The two requirements are:
The string, when converted back to an f64, is greater than or equal to the original f64 (so 0.123 -> "0.124" is acceptable)
The string has 3 significant digits (although dropping trailing zeros is acceptable, so 0.5 -> "0.5" and "0.5 -> "0.500" both work)
In case it comes up, the input number will always be positive.
This is harder than it seems because there is no way to tell the formatting machinery to change the rounding strategy. Also, format precision works on the number of digits after the decimal point, not on the number of significant digits. (AFAIK there is no equivalent to the printf("%.3g", n), and even if there were, it wouldn't round up.)

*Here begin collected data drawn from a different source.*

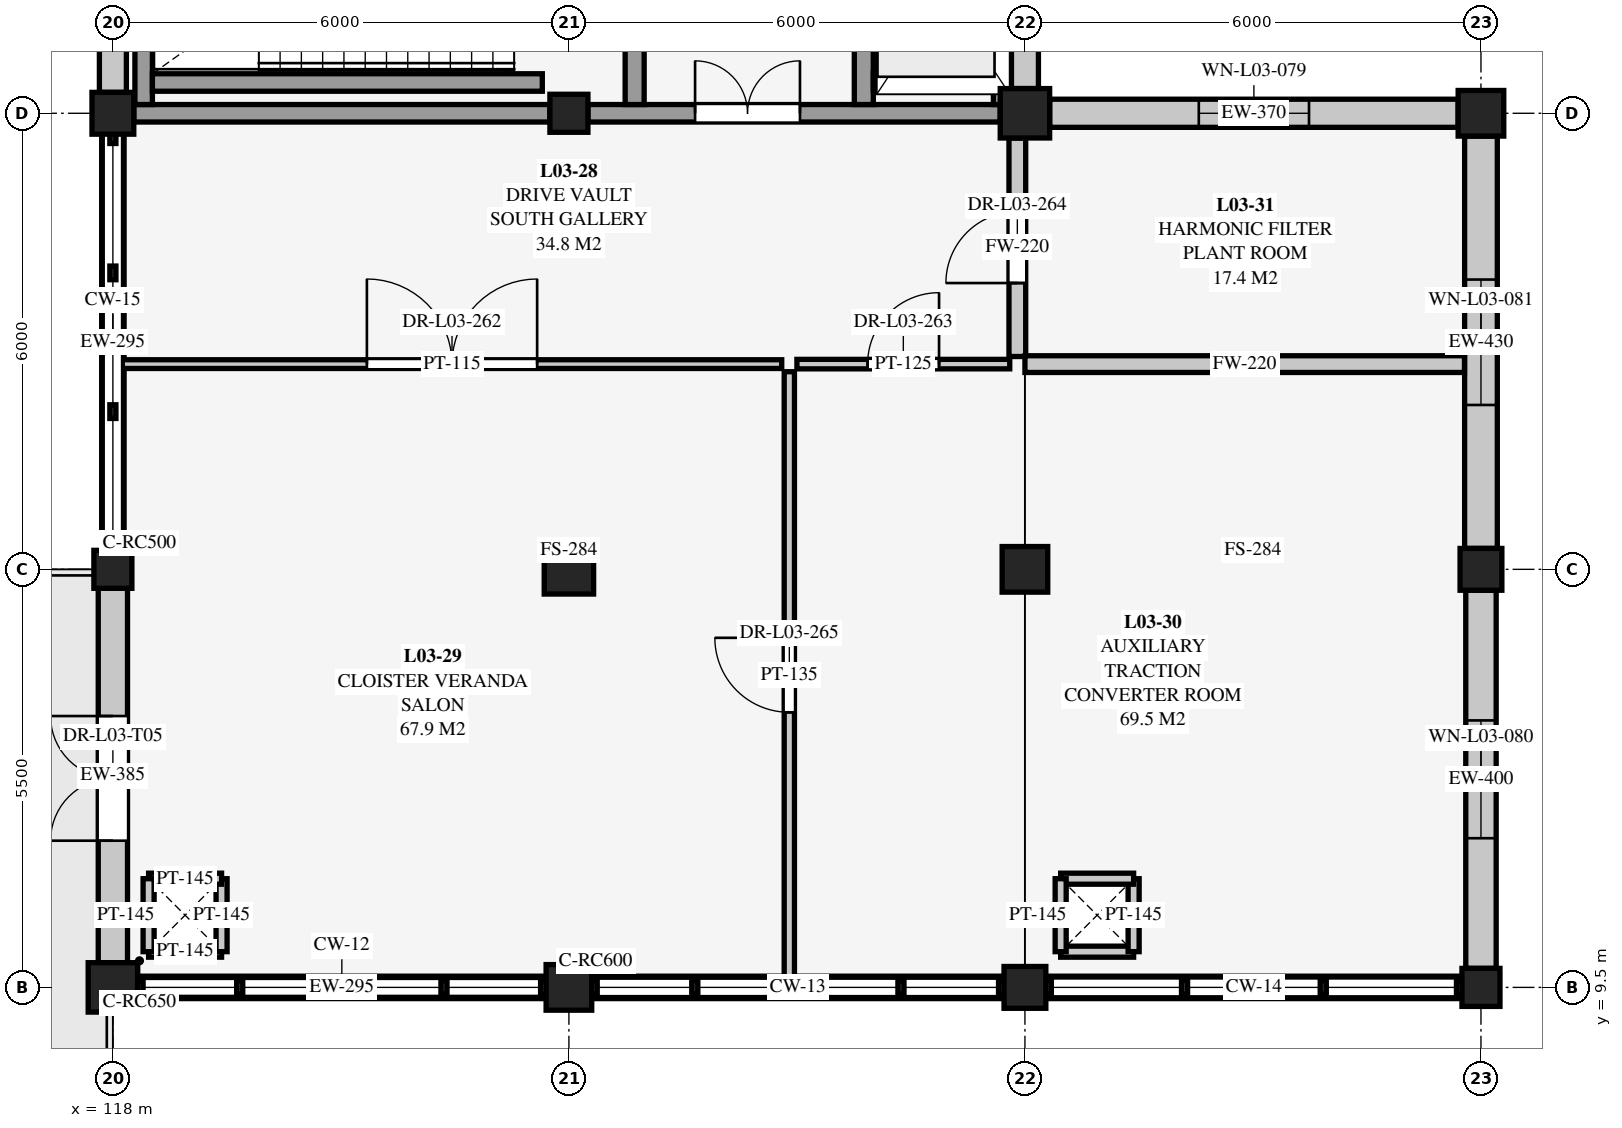
"""IFC4 building model, lengths in metres.
Left out: names, types, materials, properties, quantities, classifications, styles, units other than length and angle.
Written with IfcOpenShell. Run it as: python <this file> out.ifc"""

import sys

from ifc_helpers import new_model, si_unit, direction, frame, frame_2d, origin, origin_2d, place, context, subcontext, project, spatial, rectangle, extrude, element, fill, save


model = new_model("IFC4")
c1 = context("Model", 3, precision=1e-05, world=origin(), true_north=direction((0.0, 1.0)))
c2 = subcontext(c1, "Body", "Model", "MODEL_VIEW")
j1 = project(units=[si_unit("LENGTHUNIT", "METRE"), si_unit("PLANEANGLEUNIT", "RADIAN")], contexts=[c1])
p1 = place(None, origin())
s1 = spatial("IfcSite", under=j1, at=p1, CompositionType="ELEMENT")
p2 = place(p1, origin())
s2 = spatial("IfcBuilding", under=s1, at=p2, CompositionType="ELEMENT")
p3 = place(p2, frame((0.0, 0.0, 9.0)))
s3 = spatial("IfcBuildingStorey", under=s2, at=p3, CompositionType="ELEMENT", Elevation=9.0)
p4 = place(p3, frame((118.0, 9.5, 0.0), z_axis=(0.0, 0.0, 1.0), x_axis=(1.0, 0.0, 0.0)))
e1 = element("IfcColumn", 1, at=p4, inside=s3, PredefinedType="COLUMN", context=c2, shape_type="SweptSolid", body=[
    extrude(rectangle(XDim=0.65, YDim=0.65, at=origin_2d()), origin(), (0.0, 0.0, 1.0), 4.5),
])
p5 = place(p3, frame((118.0, 15.0, 0.0), z_axis=(0.0, 0.0, 1.0), x_axis=(1.0, 0.0, 0.0)))
e2 = element("IfcColumn", 2, at=p5, inside=s3, PredefinedType="COLUMN", context=c2, shape_type="SweptSolid", body=[
    extrude(rectangle(XDim=0.5, YDim=0.5, at=origin_2d()), origin(), (0.0, 0.0, 1.0), 4.5),
])
p6 = place(p3, frame((118.0, 21.0, 0.0), z_axis=(0.0, 0.0, 1.0), x_axis=(1.0, 0.0, 0.0)))
e3 = element("IfcColumn", 3, at=p6, inside=s3, PredefinedType="COLUMN", context=c2, shape_type="SweptSolid", body=[
    extrude(rectangle(XDim=0.55, YDim=0.55, at=origin_2d()), origin(), (0.0, 0.0, 1.0), 4.5),
])
p7 = place(p3, frame((124.0, 9.5, 0.0), z_axis=(0.0, 0.0, 1.0), x_axis=(1.0, 0.0, 0.0)))
e4 = element("IfcColumn", 4, at=p7, inside=s3, PredefinedType="COLUMN", context=c2, shape_type="SweptSolid", body=[
    extrude(rectangle(XDim=0.6, YDim=0.6, at=origin_2d()), origin(), (0.0, 0.0, 1.0), 4.5),
])
p8 = place(p3, frame((124.0, 15.0, 0.0), z_axis=(0.0, 0.0, 1.0), x_axis=(1.0, 0.0, 0.0)))
e5 = element("IfcColumn", 5, at=p8, inside=s3, PredefinedType="COLUMN", context=c2, shape_type="SweptSolid", body=[
    extrude(rectangle(XDim=0.65, YDim=0.65, at=origin_2d()), origin(), (0.0, 0.0, 1.0), 4.5),
])
p9 = place(p3, frame((124.0, 21.0, 0.0), z_axis=(0.0, 0.0, 1.0), x_axis=(1.0, 0.0, 0.0)))
e6 = element("IfcColumn", 6, at=p9, inside=s3, PredefinedType="COLUMN", context=c2, shape_type="SweptSolid", body=[
    extrude(rectangle(XDim=0.5, YDim=0.5, at=origin_2d()), origin(), (0.0, 0.0, 1.0), 4.5),
])
p10 = place(p3, frame((130.0, 9.5, 0.0), z_axis=(0.0, 0.0, 1.0), x_axis=(1.0, 0.0, 0.0)))
e7 = element("IfcColumn", 7, at=p10, inside=s3, PredefinedType="COLUMN", context=c2, shape_type="SweptSolid", body=[
    extrude(rectangle(XDim=0.55, YDim=0.55, at=origin_2d()), origin(), (0.0, 0.0, 1.0), 4.5),
])
p11 = place(p3, frame((130.0, 15.0, 0.0), z_axis=(0.0, 0.0, 1.0), x_axis=(1.0, 0.0, 0.0)))
e8 = element("IfcColumn", 8, at=p11, inside=s3, PredefinedType="COLUMN", context=c2, shape_type="SweptSolid", body=[
    extrude(rectangle(XDim=0.6, YDim=0.6, at=origin_2d()), origin(), (0.0, 0.0, 1.0), 4.5),
])
p12 = place(p3, frame((130.0, 21.0, 0.0), z_axis=(0.0, 0.0, 1.0), x_axis=(1.0, 0.0, 0.0)))
e9 = element("IfcColumn", 9, at=p12, inside=s3, PredefinedType="COLUMN", context=c2, shape_type="SweptSolid", body=[
    extrude(rectangle(XDim=0.65, YDim=0.65, at=origin_2d()), origin(), (0.0, 0.0, 1.0), 4.5),
])
p13 = place(p3, frame((136.0, 9.5, 0.0), z_axis=(0.0, 0.0, 1.0), x_axis=(1.0, 0.0, 0.0)))
e10 = element("IfcColumn", 10, at=p13, inside=s3, PredefinedType="COLUMN", context=c2, shape_type="SweptSolid", body=[
    extrude(rectangle(XDim=0.5, YDim=0.5, at=origin_2d()), origin(), (0.0, 0.0, 1.0), 4.5),
])
p14 = place(p3, frame((136.0, 15.0, 0.0), z_axis=(0.0, 0.0, 1.0), x_axis=(1.0, 0.0, 0.0)))
e11 = element("IfcColumn", 11, at=p14, inside=s3, PredefinedType="COLUMN", context=c2, shape_type="SweptSolid", body=[
    extrude(rectangle(XDim=0.55, YDim=0.55, at=origin_2d()), origin(), (0.0, 0.0, 1.0), 4.5),
])
p15 = place(p3, frame((136.0, 21.0, 0.0), z_axis=(0.0, 0.0, 1.0), x_axis=(1.0, 0.0, 0.0)))
e12 = element("IfcColumn", 12, at=p15, inside=s3, PredefinedType="COLUMN", context=c2, shape_type="SweptSolid", body=[
    extrude(rectangle(XDim=0.6, YDim=0.6, at=origin_2d()), origin(), (0.0, 0.0, 1.0), 4.5),
])
p16 = place(p3, frame((123.7, 9.5, 0.0), z_axis=(0.0, 0.0, 1.0), x_axis=(-1.0, 0.0, 0.0)))
e13 = element("IfcWall", 13, at=p16, inside=s3, PredefinedType="SOLIDWALL", context=c2, shape_type="SweptSolid", body=[
    extrude(rectangle(XDim=5.375, YDim=0.295, at=frame_2d((2.688, 0.0))), origin(), (0.0, 0.0, 1.0), 0.31),
])
p17 = place(p3, frame((129.725, 9.5, 0.0), z_axis=(0.0, 0.0, 1.0), x_axis=(-1.0, 0.0, 0.0)))
e14 = element("IfcWall", 14, at=p17, inside=s3, PredefinedType="SOLIDWALL", context=c2, shape_type="SweptSolid", body=[
    extrude(rectangle(XDim=5.425, YDim=0.295, at=frame_2d((2.712, 0.0))), origin(), (0.0, 0.0, 1.0), 0.36),
])
p18 = place(p3, frame((135.75, 9.5, 0.0), z_axis=(0.0, 0.0, 1.0), x_axis=(-1.0, 0.0, 0.0)))
e15 = element("IfcWall", 15, at=p18, inside=s3, PredefinedType="SOLIDWALL", context=c2, shape_type="SweptSolid", body=[
    extrude(rectangle(XDim=5.475, YDim=0.295, at=frame_2d((2.738, 0.0))), origin(), (0.0, 0.0, 1.0), 0.41),
])
p19 = place(p3, frame((130.325, 21.0, 0.0), z_axis=(0.0, 0.0, 1.0), x_axis=(1.0, 0.0, 0.0)))
e16 = element("IfcWall", 16, at=p19, inside=s3, PredefinedType="SOLIDWALL", context=c2, shape_type="SweptSolid", body=[
    extrude(rectangle(XDim=5.375, YDim=0.37, at=frame_2d((2.688, 0.0))), origin(), (0.0, 0.0, 1.0), 3.778),
])
p20 = place(p19, frame((1.962, 0.0, 0.75)))
e17 = element("IfcOpeningElement", 17, at=p20, cuts=e16, PredefinedType="OPENING", context=c2, shape_type="SweptSolid", body=[
    extrude(rectangle(XDim=1.45, YDim=2.25, at=frame_2d((0.725, 1.125))), frame((0.0, 0.195, 0.0), z_axis=(0.0, -1.0, 0.0), x_axis=(1.0, 0.0, 0.0)), (0.0, 0.0, 1.0), 0.39),
])
p21 = place(p3, frame((118.0, 9.825, 0.0), z_axis=(0.0, 0.0, 1.0), x_axis=(0.0, 1.0, 0.0)))
e18 = element("IfcWall", 18, at=p21, inside=s3, PredefinedType="SOLIDWALL", context=c2, shape_type="SweptSolid", body=[
    extrude(rectangle(XDim=4.925, YDim=0.385, at=frame_2d((2.462, 0.0))), origin(), (0.0, 0.0, 1.0), 4.146),
])
p22 = place(p21, frame((1.605, 0.0, 0.0)))
e19 = element("IfcOpeningElement", 19, at=p22, cuts=e18, PredefinedType="OPENING", context=c2, shape_type="SweptSolid", body=[
    extrude(rectangle(XDim=1.64, YDim=2.22, at=frame_2d((0.82, 1.11))), frame((0.0, 0.202, 0.0), z_axis=(0.0, -1.0, 0.0), x_axis=(1.0, 0.0, 0.0)), (0.0, 0.0, 1.0), 0.405),
])
p23 = place(p3, frame((136.0, 14.725, 0.0), z_axis=(0.0, 0.0, 1.0), x_axis=(0.0, -1.0, 0.0)))
e20 = element("IfcWall", 20, at=p23, inside=s3, PredefinedType="SOLIDWALL", context=c2, shape_type="SweptSolid", body=[
    extrude(rectangle(XDim=4.975, YDim=0.4, at=frame_2d((2.488, 0.0))), origin(), (0.0, 0.0, 1.0), 4.093),
])
p24 = place(p23, frame((1.712, 0.0, 0.75)))
e21 = element("IfcOpeningElement", 21, at=p24, cuts=e20, PredefinedType="OPENING", context=c2, shape_type="SweptSolid", body=[
    extrude(rectangle(XDim=1.55, YDim=2.25, at=frame_2d((0.775, 1.125))), frame((0.0, 0.21, 0.0), z_axis=(0.0, -1.0, 0.0), x_axis=(1.0, 0.0, 0.0)), (0.0, 0.0, 1.0), 0.42),
])
p25 = place(p3, frame((118.0, 15.25, 0.0), z_axis=(0.0, 0.0, 1.0), x_axis=(0.0, 1.0, 0.0)))
e22 = element("IfcWall", 22, at=p25, inside=s3, PredefinedType="SOLIDWALL", context=c2, shape_type="SweptSolid", body=[
    extrude(rectangle(XDim=5.475, YDim=0.295, at=frame_2d((2.738, 0.0))), origin(), (0.0, 0.0, 1.0), 0.46),
])
p26 = place(p3, frame((136.0, 20.7, 0.0), z_axis=(0.0, 0.0, 1.0), x_axis=(0.0, -1.0, 0.0)))
e23 = element("IfcWall", 23, at=p26, inside=s3, PredefinedType="SOLIDWALL", context=c2, shape_type="SweptSolid", body=[
    extrude(rectangle(XDim=5.425, YDim=0.43, at=frame_2d((2.712, 0.0))), origin(), (0.0, 0.0, 1.0), 4.093),
])
p27 = place(p26, frame((1.887, 0.0, 0.75)))
e24 = element("IfcOpeningElement", 24, at=p27, cuts=e23, PredefinedType="OPENING", context=c2, shape_type="SweptSolid", body=[
    extrude(rectangle(XDim=1.65, YDim=2.3, at=frame_2d((0.825, 1.15))), frame((0.0, 0.225, 0.0), z_axis=(0.0, -1.0, 0.0), x_axis=(1.0, 0.0, 0.0)), (0.0, 0.0, 1.0), 0.45),
])
p28 = place(p3, frame((118.0, 21.275, 0.0), z_axis=(0.0, 0.0, 1.0), x_axis=(0.0, 1.0, 0.0)))
e25 = element("IfcWall", 25, at=p28, inside=s3, PredefinedType="SOLIDWALL", context=c2, shape_type="SweptSolid", body=[
    extrude(rectangle(XDim=5.45, YDim=0.355, at=frame_2d((2.725, 0.0))), origin(), (0.0, 0.0, 1.0), 3.778),
])
p29 = place(p3, frame((130.0, 26.675, 0.0), z_axis=(0.0, 0.0, 1.0), x_axis=(0.0, -1.0, 0.0)))
e26 = element("IfcWall", 26, at=p29, inside=s3, PredefinedType="SOLIDWALL", context=c2, shape_type="SweptSolid", body=[
    extrude(rectangle(XDim=5.35, YDim=0.355, at=frame_2d((2.675, 0.0))), origin(), (0.0, 0.0, 1.0), 3.778),
])
for number, where, z_axis, x_axis in (
    (27, (118.47, 9.97, 0.0), (0.0, 0.0, 1.0), (1.0, 0.0, 0.0)),
    (28, (119.43, 9.97, 0.0), (0.0, 0.0, 1.0), (0.0, 1.0, 0.0)),
    (29, (119.43, 10.93, 0.0), (0.0, 0.0, 1.0), (-1.0, 0.0, 0.0)),
    (30, (118.47, 10.93, 0.0), (0.0, 0.0, 1.0), (0.0, -1.0, 0.0)),
    (31, (130.47, 9.97, 0.0), (0.0, 0.0, 1.0), (1.0, 0.0, 0.0)),
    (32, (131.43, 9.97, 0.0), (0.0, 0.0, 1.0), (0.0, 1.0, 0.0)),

You can use a decimal arithmetic crate such as rust_decimal to do the heavy-lifting - something like:
use rust_decimal::prelude::*;
pub fn fmtup(n: f64, ndigits: u32) -> String {
let d = Decimal::from_f64_retain(n).unwrap();
d.round_sf_with_strategy(ndigits, RoundingStrategy::AwayFromZero)
.unwrap()
.normalize()
.to_string()
}
EDIT: The answer originally included a manual implementation of the rounding due to issues in rust_decimal which have since been fixed. As of Oct 24 2021 the above snippet using rust_decimal is the recommended solution. The only exception is if you need to handle numbers that are very large or very close to zero (such as 1.234e-42 or 1.234e42), which are approximated to zero or rejected by rust_decimal.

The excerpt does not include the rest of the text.